Gaiman won the hearts of the crowd of young artists at the University of the Arts commencement with his uncensored honesty; you can see him break down the barriers as you watch the speech on YouTube. The graduates loved the part where he admitted lying to get his first writing jobs: “People get hired because, somehow, they get hired. In my case I did something which these days would be easy to check, and would get me into trouble, and when I started out, in those pre-internet days, seemed like a sensible career strategy: when I was asked by editors who I’d worked for, I lied. I listed a handful of magazines that sounded likely, and I sounded confident, and I got jobs.”

He shared practical advice: “People keep working, in a freelance world, and more and more of today’s world is freelance, because their work is good, and because they are easy to get along with, and because they deliver the work on time. And you don’t even need all three. Two out of three is fine.”

Wallace’s speech begins with irony. After introducing two young fish flummoxed by an older fish’s seemingly simple question, Wallace notes: “This is a standard requirement of U.S. commencement speeches, the deployment of didactic little parable-ish stories.” He goes on to tackle the not-so-promising topic, the Meaning of Your Liberal Arts Education. But by the end, he, too, has taken on the difficult work of saying something true and deep and useful to the young and starry-eyed.

Again, surprise is an element of the delight here, and I don’t want to give too much away, but here’s a taste of Wallace when he really gets going: “An outstanding reason for choosing some sort of god or spiritual-type thing to worship — be it J.C. or Allah, be it Yahweh or the Wiccan mother-goddess or the Four Noble Truths or some infrangible set of ethical principles — is that pretty much anything else you worship will eat you alive.”

Karr’s speech is the most personal of the bunch, and by most measures, the funniest.

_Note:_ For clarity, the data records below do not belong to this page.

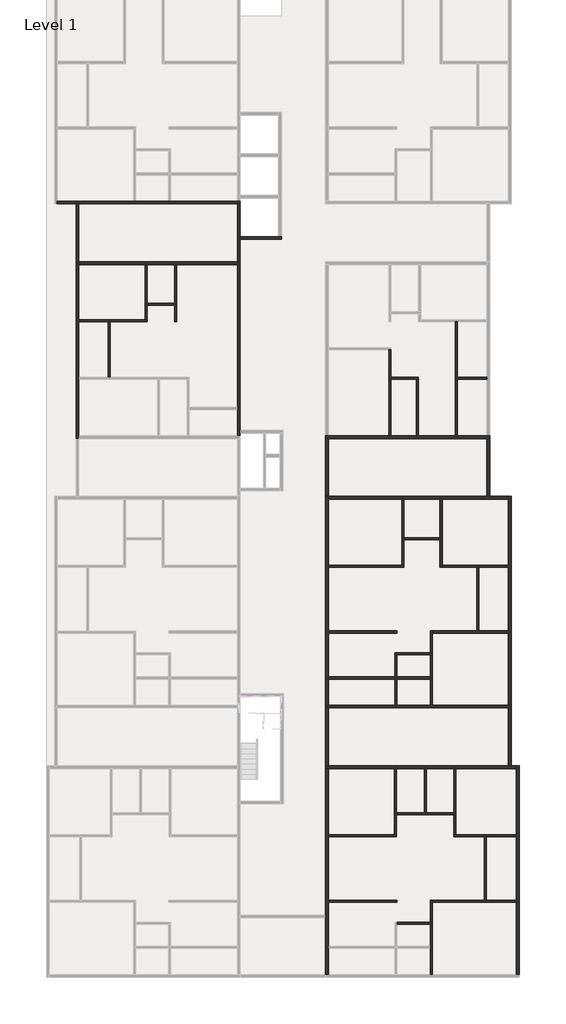
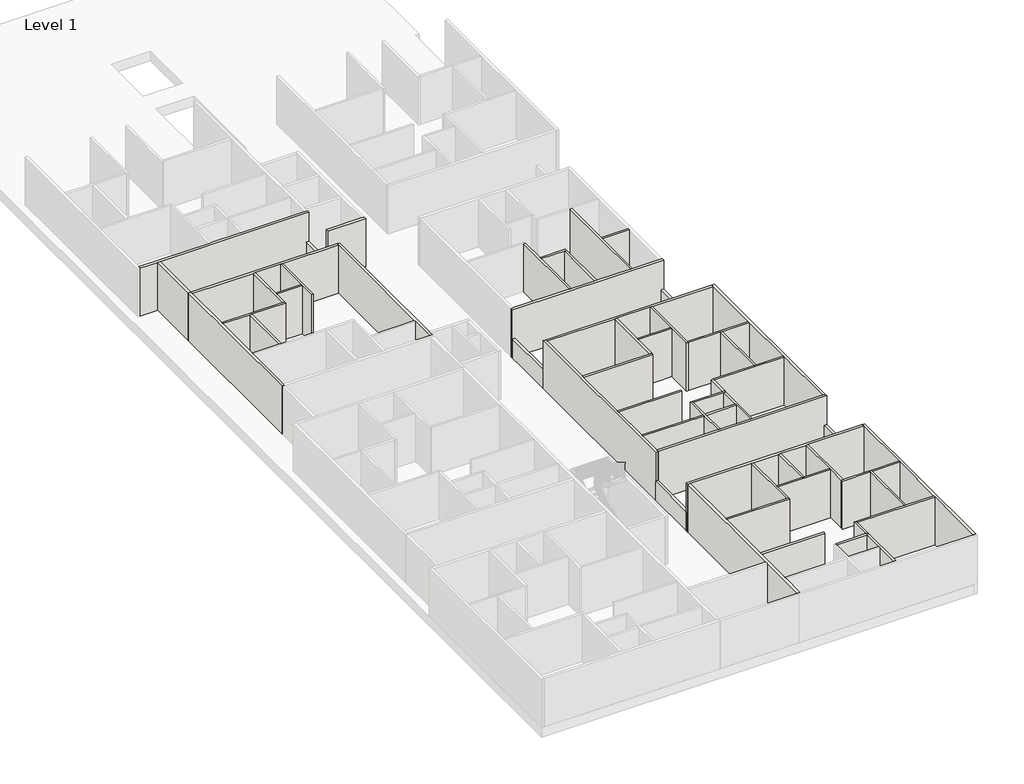
# One storey, part 2 of 8: 56 walls.
"""IFC4 building model written with IfcOpenShell, lengths in millimetres."""

from ifc_helpers import new_model, si_unit, frame, origin, place, context, project, spatial, polyline, outline, extrude, faceted_brep, element, save

model = new_model("IFC4")

# Units and contexts
model_context = context("Model", 3, world=origin())
ifc_project = project(units=[si_unit("LENGTHUNIT", "METRE", prefix="MILLI")], contexts=[model_context])

# Site, building, storey
site = spatial("IfcSite", under=ifc_project)
building = spatial("IfcBuilding", under=site)
storey = spatial("IfcBuildingStorey", under=building, Name="Level 1", Elevation=25234.6172466)

# Walls
placement = place(None, origin())
element("IfcWall", 1, ObjectType="4.5\"", at=placement, inside=storey, context=model_context, shape_type="Brep", body=[
    faceted_brep([(-12531.5544854, 2100.0216096, 25234.6172466), (-10907.2415084, 2100.0216096, 25234.6172466), (-10792.9415084, 2100.0216096, 25234.6172466), (-8759.6544854, 2100.0216096, 25234.6172466), (-8759.6544854, 2100.0216096, 28282.6172466), (-10792.9415084, 2100.0216096, 28282.6172466), (-10907.2415084, 2100.0216096, 28282.6172466), (-12531.5544854, 2100.0216096, 28282.6172466), (-12531.5544854, 2214.3216096, 25234.6172466), (-12531.5544854, 2214.3216096, 28282.6172466), (-8873.9544854, 2214.3216096, 28282.6172466), (-8759.6544854, 2214.3216096, 28282.6172466), (-8759.6544854, 2214.3216096, 25234.6172466), (-8873.9544854, 2214.3216096, 25234.6172466)], [[[0, 1, 2, 3, 4, 5, 6, 7]], [[8, 9, 10, 11, 12, 13]], [[3, 2, 1, 0, 8, 13, 12]], [[0, 7, 9, 8]], [[4, 3, 12, 11]], [[7, 6, 5, 4, 11, 10, 9]]]),
])
element("IfcWall", 2, ObjectType="4.5\"", at=placement, inside=storey, context=model_context, shape_type="Brep", body=[
    faceted_brep([(-8759.6544854, 2214.3216096, 25234.6172466), (-8759.6544854, 3014.4216096, 25234.6172466), (-8759.6544854, 3128.7216096, 25234.6172466), (-8759.6544854, 5264.2743917, 25234.6172466), (-8759.6544854, 5264.2743917, 28282.6172466), (-8759.6544854, 3128.7216096, 28282.6172466), (-8759.6544854, 3014.4216096, 28282.6172466), (-8759.6544854, 2214.3216096, 28282.6172466), (-8873.9544854, 2214.3216096, 25234.6172466), (-8873.9544854, 2214.3216096, 28282.6172466), (-8873.9544854, 5264.2743917, 28282.6172466), (-8873.9544854, 5264.2743917, 25234.6172466)], [[[0, 1, 2, 3, 4, 5, 6, 7]], [[8, 9, 10, 11]], [[3, 2, 1, 0, 8, 11]], [[0, 7, 9, 8]], [[4, 3, 11, 10]], [[7, 6, 5, 4, 10, 9]]]),
])
element("IfcWall", 3, ObjectType="4.5\"", at=placement, inside=storey, context=model_context, shape_type="Brep", body=[
    faceted_brep([(-7235.6544854, 5264.2743917, 25234.6172466), (-7235.6544854, 3128.7216096, 25234.6172466), (-7235.6544854, 3014.4216096, 25234.6172466), (-7235.6544854, 2100.0216096, 25234.6172466), (-7235.6544854, 2100.0216096, 28282.6172466), (-7235.6544854, 3014.4216096, 28282.6172466), (-7235.6544854, 3128.7216096, 28282.6172466), (-7235.6544854, 5264.2743917, 28282.6172466), (-7121.3544854, 5264.2743917, 25234.6172466), (-7121.3544854, 5264.2743917, 28282.6172466), (-7121.3544854, 2100.0216096, 28282.6172466), (-7121.3544854, 2100.0216096, 25234.6172466)], [[[0, 1, 2, 3, 4, 5, 6, 7]], [[8, 9, 10, 11]], [[3, 2, 1, 0, 8, 11]], [[4, 3, 11, 10]], [[0, 7, 9, 8]], [[7, 6, 5, 4, 10, 9]]]),
])
element("IfcWall", 4, ObjectType="4.5\"", at=placement, inside=storey, context=model_context, shape_type="SweptSolid", body=[
    extrude(outline(polyline([(-7235.6544854, 3014.4216096), (-8759.6544854, 3014.4216096), (-8759.6544854, 3128.7216096), (-7235.6544854, 3128.7216096), (-7235.6544854, 3014.4216096)])), frame((0.0, 0.0, 25234.6172466), z_axis=(0.0, 0.0, 1.0), x_axis=(1.0, 0.0, 0.0)), (0.0, 0.0, 1.0), 3048.0),
])
element("IfcWall", 5, ObjectType="4.5\"", at=placement, inside=storey, context=model_context, shape_type="SweptSolid", body=[
    extrude(outline(polyline([(-10907.2415084, -947.4344126), (-10907.2415084, 2100.0216096), (-10792.9415084, 2100.0216096), (-10792.9415084, -947.4344126), (-10907.2415084, -947.4344126)])), frame((0.0, 0.0, 25234.6172466), z_axis=(0.0, 0.0, 1.0), x_axis=(1.0, 0.0, 0.0)), (0.0, 0.0, 1.0), 3048.0),
])
element("IfcWall", 6, ObjectType="4.5\"", at=placement, inside=storey, context=model_context, shape_type="Brep", body=[
    faceted_brep([(5056.6584916, -31173.4344126, 25234.6172466), (6885.4584916, -31173.4344126, 25234.6172466), (6999.7584916, -31173.4344126, 25234.6172466), (6999.7584916, -31173.4344126, 28282.6172466), (6885.4584916, -31173.4344126, 28282.6172466), (5056.6584916, -31173.4344126, 28282.6172466), (5056.6584916, -31059.1344126, 25234.6172466), (5056.6584916, -31059.1344126, 28282.6172466), (6885.4584916, -31059.1344126, 28282.6172466), (6999.7584916, -31059.1344126, 28282.6172466), (6999.7584916, -31059.1344126, 25234.6172466), (6885.4584916, -31059.1344126, 25234.6172466)], [[[0, 1, 2, 3, 4, 5]], [[6, 7, 8, 9, 10, 11]], [[2, 1, 0, 6, 11, 10]], [[0, 5, 7, 6]], [[3, 2, 10, 9]], [[5, 4, 3, 9, 8, 7]]]),
])
element("IfcWall", 7, ObjectType="4.5\"", at=placement, inside=storey, context=model_context, shape_type="Brep", body=[
    faceted_brep([(6885.4584916, -31173.4344126, 25234.6172466), (6885.4584916, -32392.6344126, 25234.6172466), (6885.4584916, -32506.9344126, 25234.6172466), (6885.4584916, -33954.7344126, 25234.6172466), (6885.4584916, -33954.7344126, 28282.6172466), (6885.4584916, -32506.9344126, 28282.6172466), (6885.4584916, -32392.6344126, 28282.6172466), (6885.4584916, -31173.4344126, 28282.6172466), (6999.7584916, -31173.4344126, 25234.6172466), (6999.7584916, -31173.4344126, 28282.6172466), (6999.7584916, -33954.7344126, 28282.6172466), (6999.7584916, -33954.7344126, 25234.6172466)], [[[0, 1, 2, 3, 4, 5, 6, 7]], [[8, 9, 10, 11]], [[3, 2, 1, 0, 8, 11]], [[0, 7, 9, 8]], [[4, 3, 11, 10]], [[7, 6, 5, 4, 10, 9]]]),
])
element("IfcWall", 8, ObjectType="4.5\"", at=placement, inside=storey, context=model_context, shape_type="Brep", body=[
    faceted_brep([(6999.7584916, -31059.1344126, 25234.6172466), (6999.7584916, -29966.9344126, 25234.6172466), (6999.7584916, -29852.6344126, 25234.6172466), (6999.7584916, -29852.6344126, 28282.6172466), (6999.7584916, -29966.9344126, 28282.6172466), (6999.7584916, -31059.1344126, 28282.6172466), (6885.4584916, -31059.1344126, 25234.6172466), (6885.4584916, -31059.1344126, 28282.6172466), (6885.4584916, -29852.6344126, 28282.6172466), (6885.4584916, -29852.6344126, 25234.6172466)], [[[0, 1, 2, 3, 4, 5]], [[6, 7, 8, 9]], [[2, 1, 0, 6, 9]], [[0, 5, 7, 6]], [[3, 2, 9, 8]], [[5, 4, 3, 8, 7]]]),
])
element("IfcWall", 9, ObjectType="4.5\"", at=placement, inside=storey, context=model_context, shape_type="Brep", body=[
    faceted_brep([(6999.7584916, -29966.9344126, 25234.6172466), (11660.6584916, -29966.9344126, 25234.6172466), (11660.6584916, -29966.9344126, 28282.6172466), (6999.7584916, -29966.9344126, 28282.6172466), (6999.7584916, -29852.6344126, 25234.6172466), (6999.7584916, -29852.6344126, 28282.6172466), (9869.9584916, -29852.6344126, 28282.6172466), (9984.2584916, -29852.6344126, 28282.6172466), (11660.6584916, -29852.6344126, 28282.6172466), (11660.6584916, -29852.6344126, 25234.6172466), (9984.2584916, -29852.6344126, 25234.6172466), (9869.9584916, -29852.6344126, 25234.6172466)], [[[0, 1, 2, 3]], [[4, 5, 6, 7, 8, 9, 10, 11]], [[1, 0, 4, 11, 10, 9]], [[0, 3, 5, 4]], [[2, 1, 9, 8]], [[3, 2, 8, 7, 6, 5]]]),
])
element("IfcWall", 10, ObjectType="4.5\"", at=placement, inside=storey, context=model_context, shape_type="SweptSolid", body=[
    extrude(outline(polyline([(5056.6584916, -29966.9344126), (1259.3584916, -29966.9344126), (1259.3584916, -29852.6344126), (5056.6584916, -29852.6344126), (5056.6584916, -29966.9344126)])), frame((0.0, 0.0, 25234.6172466), z_axis=(0.0, 0.0, 1.0), x_axis=(1.0, 0.0, 0.0)), (0.0, 0.0, 1.0), 3048.0),
])
element("IfcWall", 11, ObjectType="4.5\"", at=placement, inside=storey, context=model_context, shape_type="Brep", body=[
    faceted_brep([(1259.3584916, -26347.4344126, 25234.6172466), (5031.2584916, -26347.4344126, 25234.6172466), (5031.2584916, -26347.4344126, 28282.6172466), (1259.3584916, -26347.4344126, 28282.6172466), (1259.3584916, -26233.1344126, 25234.6172466), (1259.3584916, -26233.1344126, 28282.6172466), (4916.9584916, -26233.1344126, 28282.6172466), (5031.2584916, -26233.1344126, 28282.6172466), (5031.2584916, -26233.1344126, 25234.6172466), (4916.9584916, -26233.1344126, 25234.6172466)], [[[0, 1, 2, 3]], [[4, 5, 6, 7, 8, 9]], [[1, 0, 4, 9, 8]], [[0, 3, 5, 4]], [[2, 1, 8, 7]], [[3, 2, 7, 6, 5]]]),
])
element("IfcWall", 12, ObjectType="4.5\"", at=placement, inside=storey, context=model_context, shape_type="Brep", body=[
    faceted_brep([(5031.2584916, -26233.1344126, 25234.6172466), (5031.2584916, -25128.2344126, 25234.6172466), (5031.2584916, -25013.9344126, 25234.6172466), (5031.2584916, -22575.5344126, 25234.6172466), (5031.2584916, -22575.5344126, 28282.6172466), (5031.2584916, -25013.9344126, 28282.6172466), (5031.2584916, -25128.2344126, 28282.6172466), (5031.2584916, -26233.1344126, 28282.6172466), (4916.9584916, -26233.1344126, 25234.6172466), (4916.9584916, -26233.1344126, 28282.6172466), (4916.9584916, -22575.5344126, 28282.6172466), (4916.9584916, -22575.5344126, 25234.6172466)], [[[0, 1, 2, 3, 4, 5, 6, 7]], [[8, 9, 10, 11]], [[3, 2, 1, 0, 8, 11]], [[0, 7, 9, 8]], [[4, 3, 11, 10]], [[7, 6, 5, 4, 10, 9]]]),
])
element("IfcWall", 13, ObjectType="4.5\"", at=placement, inside=storey, context=model_context, shape_type="Brep", body=[
    faceted_brep([(9984.2584916, -29852.6344126, 25234.6172466), (9984.2584916, -26347.4344126, 25234.6172466), (9984.2584916, -26233.1344126, 25234.6172466), (9984.2584916, -26233.1344126, 28282.6172466), (9984.2584916, -26347.4344126, 28282.6172466), (9984.2584916, -29852.6344126, 28282.6172466), (9869.9584916, -29852.6344126, 25234.6172466), (9869.9584916, -29852.6344126, 28282.6172466), (9869.9584916, -26347.4344126, 28282.6172466), (9869.9584916, -26233.1344126, 28282.6172466), (9869.9584916, -26233.1344126, 25234.6172466), (9869.9584916, -26347.4344126, 25234.6172466)], [[[0, 1, 2, 3, 4, 5]], [[6, 7, 8, 9, 10, 11]], [[2, 1, 0, 6, 11, 10]], [[0, 5, 7, 6]], [[3, 2, 10, 9]], [[5, 4, 3, 9, 8, 7]]]),
])
element("IfcWall", 14, ObjectType="4.5\"", at=placement, inside=storey, context=model_context, shape_type="SweptSolid", body=[
    extrude(outline(polyline([(11660.6584916, -26347.4344126), (9984.2584916, -26347.4344126), (9984.2584916, -26233.1344126), (11660.6584916, -26233.1344126), (11660.6584916, -26347.4344126)])), frame((0.0, 0.0, 25234.6172466), z_axis=(0.0, 0.0, 1.0), x_axis=(1.0, 0.0, 0.0)), (0.0, 0.0, 1.0), 3048.0),
])
element("IfcWall", 15, ObjectType="4.5\"", at=placement, inside=storey, context=model_context, shape_type="Brep", body=[
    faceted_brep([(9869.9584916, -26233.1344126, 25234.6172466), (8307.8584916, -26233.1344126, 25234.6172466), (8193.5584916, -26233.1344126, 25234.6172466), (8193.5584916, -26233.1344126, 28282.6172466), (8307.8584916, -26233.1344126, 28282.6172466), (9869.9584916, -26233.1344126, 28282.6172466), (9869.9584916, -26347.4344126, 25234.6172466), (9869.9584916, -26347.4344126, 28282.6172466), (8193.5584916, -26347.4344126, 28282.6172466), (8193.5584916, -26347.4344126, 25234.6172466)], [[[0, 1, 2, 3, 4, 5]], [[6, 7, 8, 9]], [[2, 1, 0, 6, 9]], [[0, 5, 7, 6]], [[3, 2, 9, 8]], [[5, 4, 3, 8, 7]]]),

“I wanted to be funny because I think being funny disarms people in that environment. Everyone’s always trying to sound deep,” she said. “I did want to say something of substance, and of significance, and something I genuinely thought was true and useful. And all I could think of was how afraid I was, so I thought, well, start with that. Start with how afraid you are. They’re afraid, too.”

Rather than quoting, say, Alfred, Lord Tennyson on the topic of honor, Karr quoted an old pal named Doonie, on the topic of her honorary doctorate: “Being a doctor who can’t write prescriptions is like being a general in the Salvation Army.” That line, she told the crowd, “made me a few notches less terrified about today, which is how poetry works — you start in a scared place and get zip-lined somewhere truer.”

Karr’s message is very similar to Saunders’, and not so different from Wallace’s. Her life, as she describes it, has been hard, but the difficulties have opened doors and yielded great rewards, and she’s learned from the compassion others have shown her.

“Don’t make the mistake of comparing your twisted-up insides to other people’s blow-dried outsides,” she told the crowd. “Even the most privileged person in this stadium suffers the torments of the damned just going about the business of being fully human.”